My fiance is in his mid 60s. I'm 10 years younger. He has a sharp tongue. When under stress, he will bark an order at me, quick and razor sharp. It hurts my feelings. He tends to give me lots of instructions on doing things around the house. He also has an annoying habit of driving from the passenger's seat. One night while in bed, I touched him and he went off saying he was almost asleep and I woke him up. I didn't know. He was super stressed from an email he got earlier. This incident kept me up all night. I was so hurt. In the morning he apologized, admitted he was out of character. My fiance is usually a funny, generous, and compassionate person. He recently underwent a kidney transplant and has been humbled by this life saving experience. But he has a difficult time processing his stress and controlling his tone when upset or feeling really stressed. How can I begin the conversation with him so that he remembers I'm not the enemy and we're on the same team? I don't like his sharp tone. It's too hurtful. Can't do it anymore. Tomorrow is Father's Day. I want the day to go well, and not walk on egg shells. Words really do cut and hurt for a long time, even after the apology and forgiveness is given. Still hurts. Thank you.


----------



## Andy1001 (Jun 29, 2016)

Catlady123 said:


> My fiance is in his mid 60s. I'm 10 years younger. He has a sharp tongue. When under stress, he will bark an order at me, quick and razor sharp. It hurts my feelings. He tends to give me lots of instructions on doing things around the house. He also has an annoying habit of driving from the passenger's seat. One night while in bed, I touched him and he went off saying he was almost asleep and I woke him up. I didn't know. He was super stressed from an email he got earlier. This incident kept me up all night. I was so hurt. In the morning he apologized, admitted he was out of character. My fiance is usually a funny, generous, and compassionate person. He recently underwent a kidney transplant and has been humbled by this life saving experience. But he has a difficult time processing his stress and controlling his tone when upset or feeling really stressed. How can I begin the conversation with him so that he remembers I'm not the enemy and we're on the same team? I don't like his sharp tone. It's too hurtful. Can't do it anymore. Tomorrow is Father's Day. I want the day to go well, and not walk on egg shells. Words really do cut and hurt for a long time, even after the apology and forgiveness is given. Still hurts. Thank you.

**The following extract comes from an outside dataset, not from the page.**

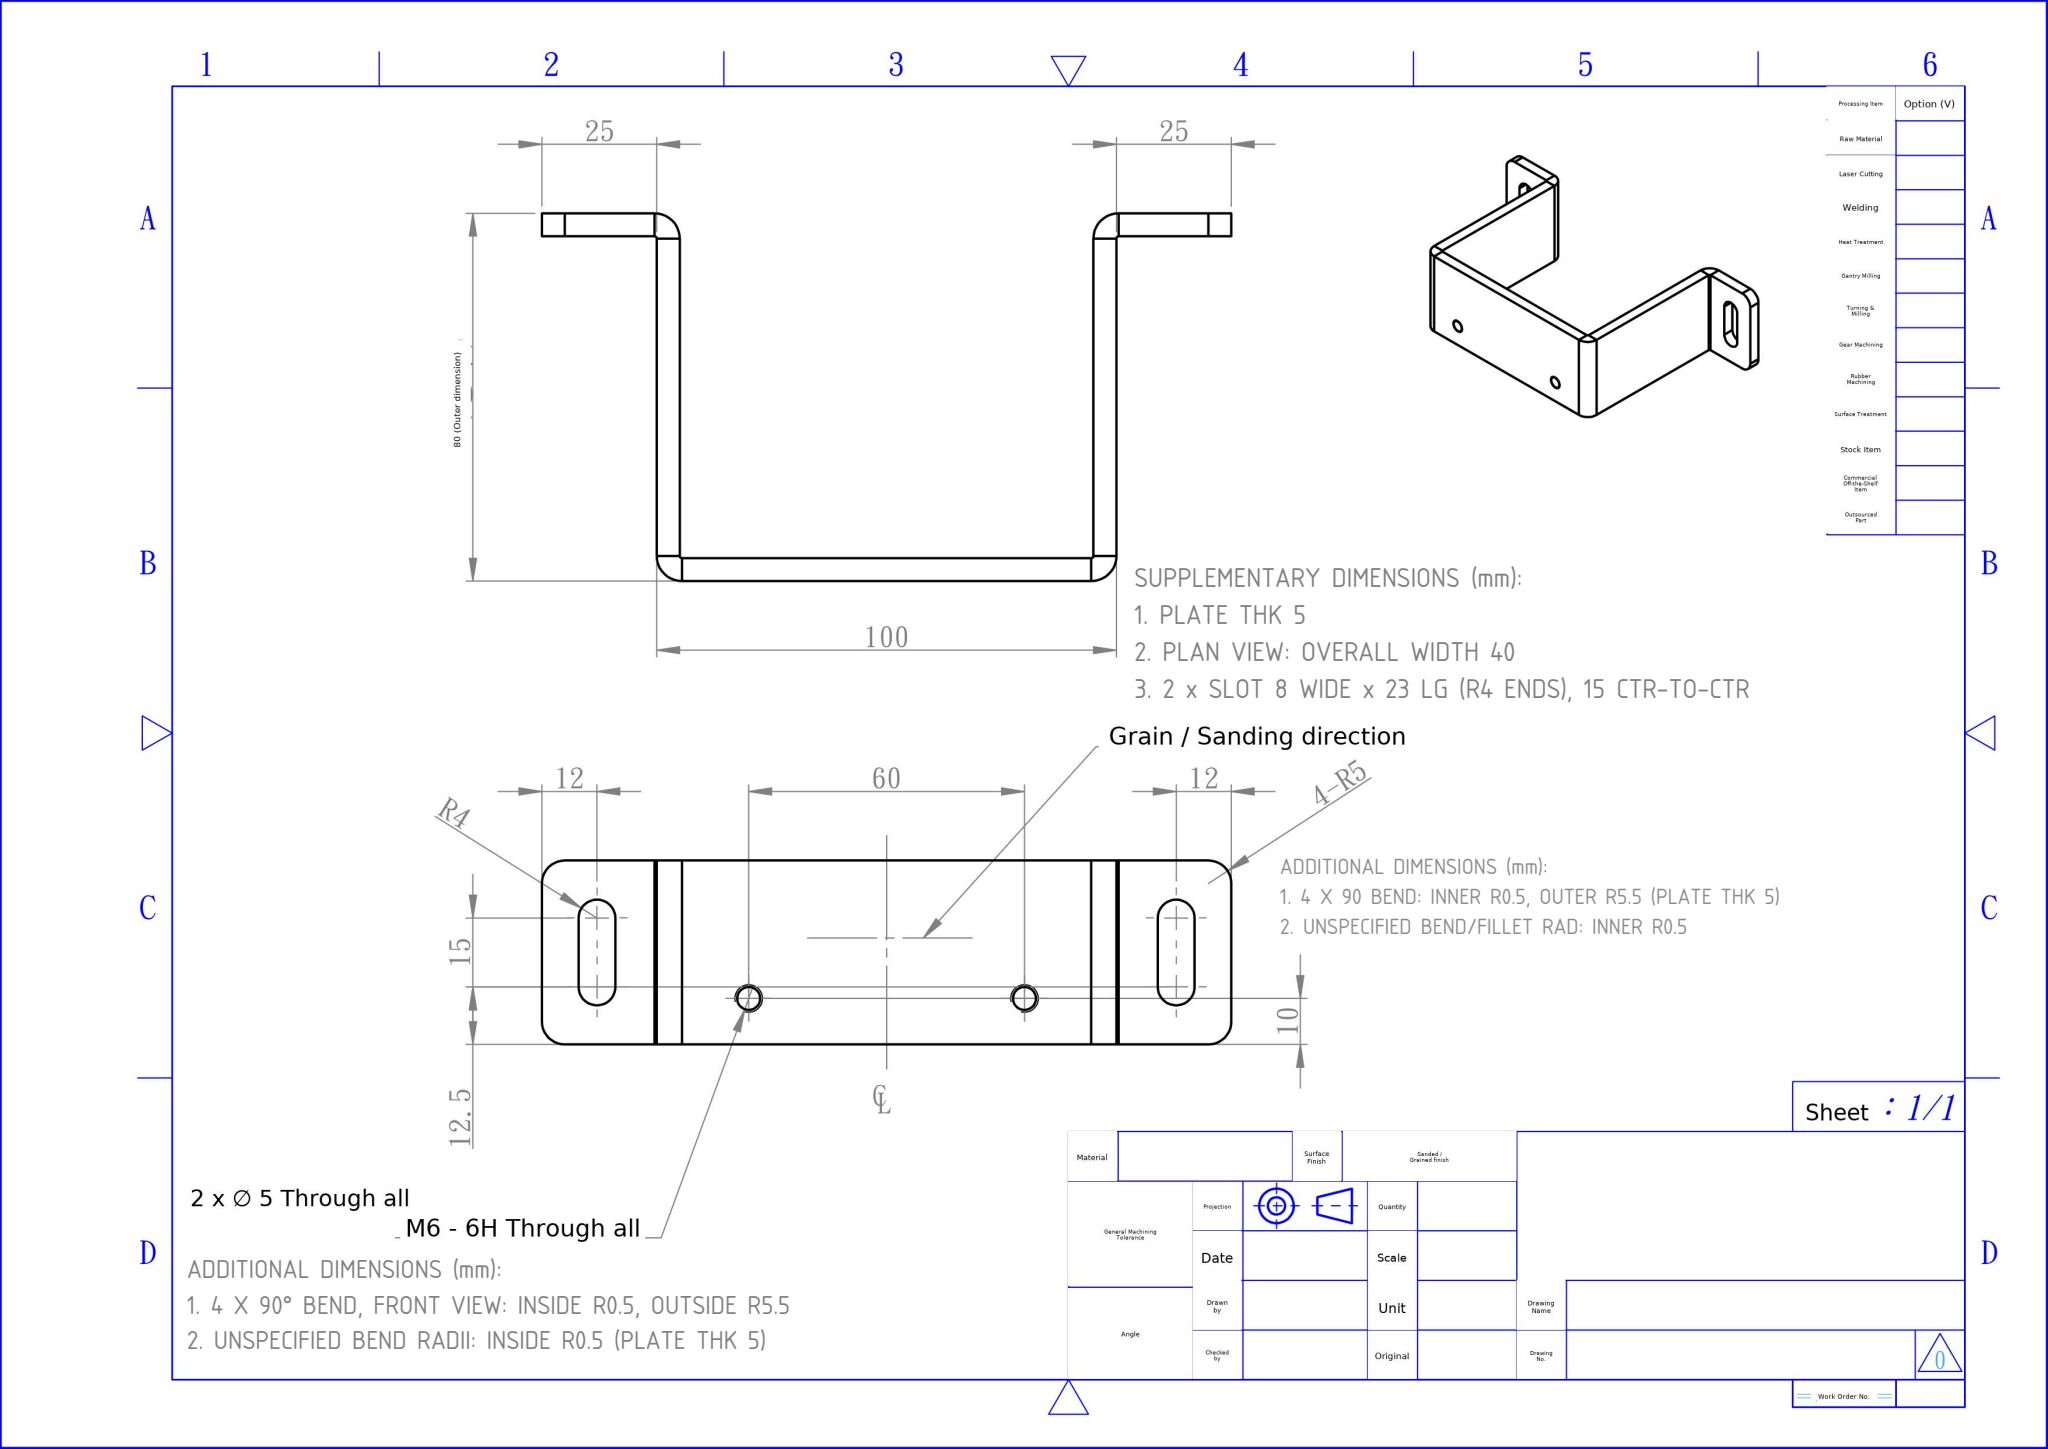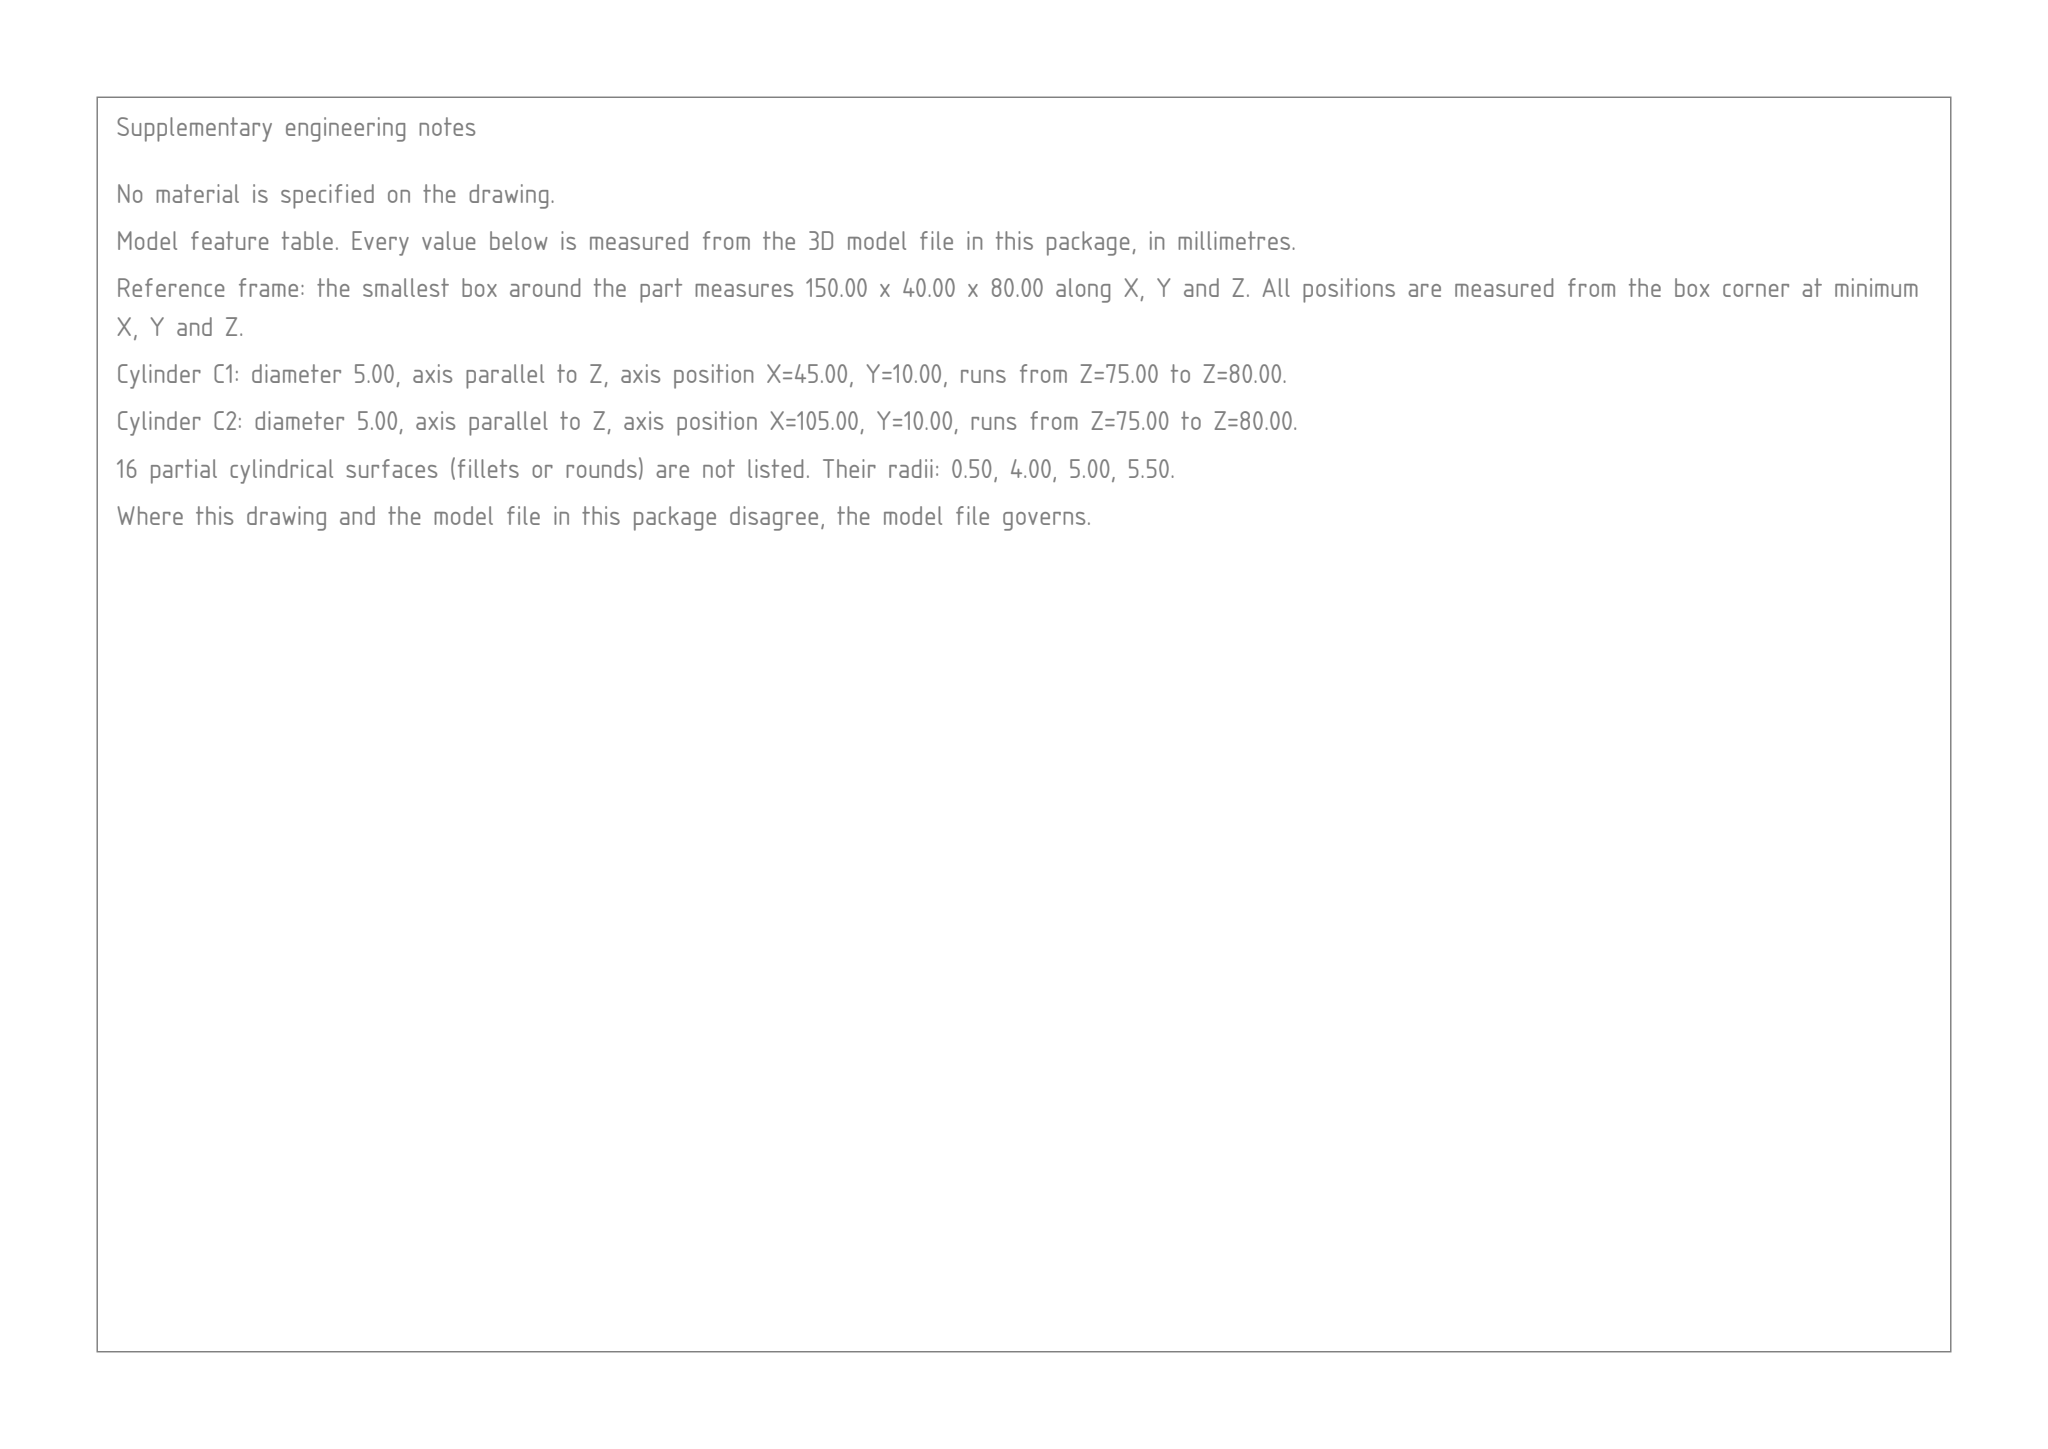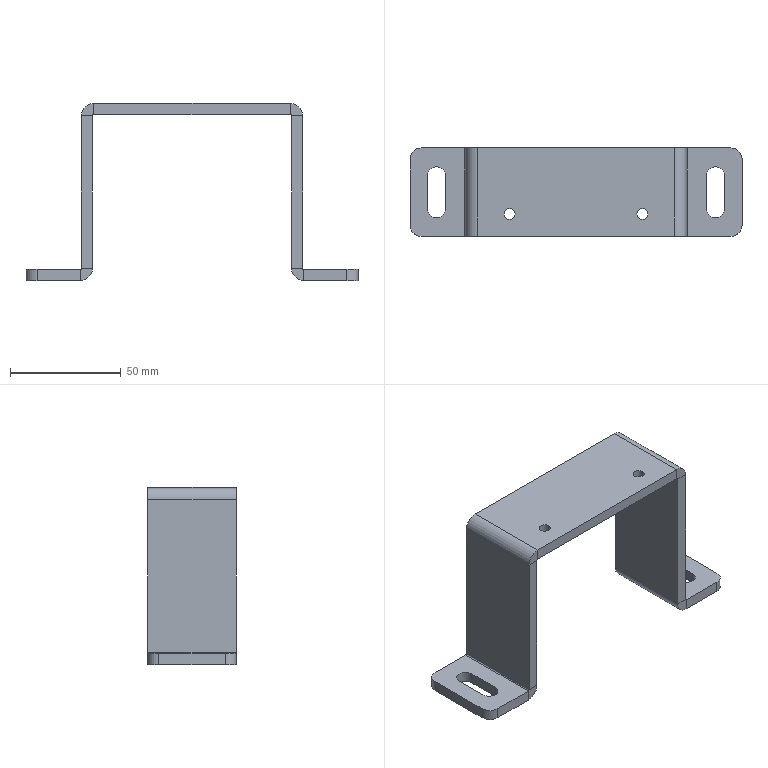Part | SolidWorks | mm | 1 solid | 54 faces | box 150 x 40 x 80 mm | volume 56964 mm3 | plane 34 | cylinder 20 | commonest cylinder face diameters 5 x4 11 x4 1 x4 8 x4 10 x4

He is a cantankerous old man with health problems.Next time he starts his bs tell him to stfu.
That is the only language he will understand.


----------



## TJW (Mar 20, 2012)

There is nothing you can do about this. How he chooses to respond to you will govern his tone, his demeanor, and his attitude. It's not you, it's him.
There is another context he speaks into, regardless of your approach. It is a context you cannot see, nor know.

You really have two choices, either develop a thick skin, and let his words and inflections go in one ear and out the other; or call off the wedding and future relationship with him.

I recommend the latter. People in their mid-60s don't change much. If he is hurting your feelings now, it's going to double after your marriage.....and, because thick skin is quite hard to grow.


----------



## Suspicious1 (Nov 19, 2017)

You should tell him exactly how he's hurting you as you posted. 

How long have you been together?

He sounds grumpy and easily agitated, how was he before the kidney issue?

Sorry, that's is no way to live walking on eggshells preventing a blow up.

Good luck 


Sent from my SM-G930T using Tapatalk


----------



## TJW (Mar 20, 2012)

There's nothing you can do about this. His attitudes, demeanor, manner of speaking, etc. are his choices. You should tell him that if he wants to be married to you successfully, it will require him to exercise restraint and politeness in his interface to you. He will have to choose, and practice, self-control as he responds to stressors.


----------



## SunCMars (Feb 29, 2016)

He needs more sleep.
He needs ibuprofen....daily.

A sick person acts normal.
Normal for a sick person.

If healing is not on the horizon....
Head for the horizon, leave him in the distance.


The Typist II-


----------



## She'sStillGotIt (Jul 30, 2016)

Is this nasty old man the ONLY one left to marry on your remote island? 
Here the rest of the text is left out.